The Bank’s ROE has remained under 5% from FY3/19 to FY3/23. The lowest point was 2% in FY3/20, attributed to the economic impact of Covid-19, while the peak was 4.56% in FY3/22. The company acknowledges that such a subdued ROE performance is likely to dissatisfy investors, contributing to its lower P/B and P/E ratios.

The Tokyo Stock Exchange’s (TSE) unusual directive to raise the P/B ratio to a minimum of 1 by in 3/23 has spurred investors to begin accumulating stocks with low P/B ratios, anticipating value appreciation following the implementation of P/B enhancement strategies. NB has also garnered investor interest, with its share price increasing by 94% over the past 12 months. Despite this uptick, it continues to trade at a modest P/B of 0.44x, suggesting significant potential for further growth in both P/B ratio and share price. To address its low P/B ratio, management explained their plan to address the low P/B ratio using the below simple formula.

P/B ratio=ROE * P/E Ratio

ROE=ROA*leverage ratio: The bank intends to improve ROA through executing the existing traditional lending and new areas (discussed earlier), coupled with an appropriate use of financial leverage to support these initiatives.

II. Weaknesses/Risks

The persistent challenges in Japan, characterized by a stagnant economy, an unfavorable demographic profile, and subpar corporate governance, have consistently failed to attract global investors. Indeed, despite frequent claims that “this time is different”, Japanese stocks have repeatedly disappointed both large and small investors over time.

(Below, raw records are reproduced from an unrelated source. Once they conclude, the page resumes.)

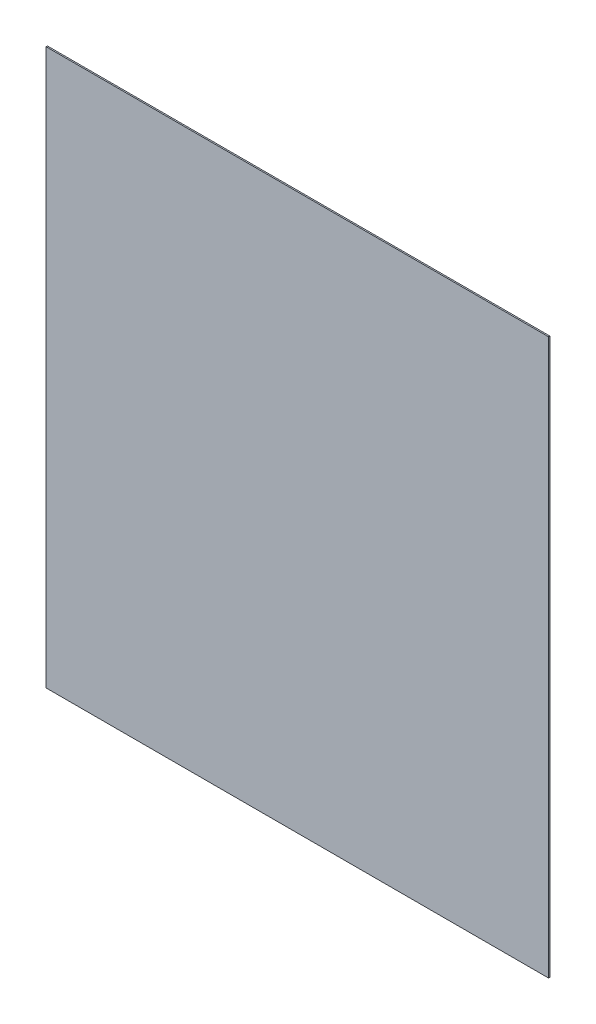
from build123d import *

# Parameters (mm, degrees)
SKETCH_1_W      = 1135
SKETCH_1_H      = 1255
EXTRUDE_1_DEPTH = 3


with BuildPart() as part:
    # 草图1 → 凸台-拉伸1 (new body)
    with BuildSketch(Plane.XY):
        Rectangle(SKETCH_1_W, SKETCH_1_H)
    extrude(amount=EXTRUDE_1_DEPTH)


solid = part.part

However, the current efforts by the Tokyo Stock Exchange (TSE) could mark a turning point. The TSE’s focus on enhancing the attractiveness and transparency of Japanese stocks, including initiatives like supporting smaller companies in developing English communications, is a promising step toward changing investor perceptions.

[Disclaimer]

The opinions expressed above should not be constructed as investment advice. This commentary is not tailored to specific investment objectives. Reliance on this information for the purpose of buying the securities to which this information relates may expose a person to significant risk. The information contained in this article is not intended to make any offer, inducement, invitation or commitment to purchase, subscribe to, provide or sell any securities, service or product or to provide any recommendations on which one should rely for financial securities, investment or other advice or to take any decision. Readers are encouraged to seek individual advice from their personal, financial, legal and other advisers before making any investment or financial decisions or purchasing any financial, securities or investment related service or product. Information provided, whether charts or any other statements regarding market, real estate or other financial information, is obtained from sources which we and our suppliers believe reliable, but we do not warrant or guarantee the timeliness or accuracy of this information. Nothing in this commentary should be interpreted to state or imply that past results are an indication of future performance.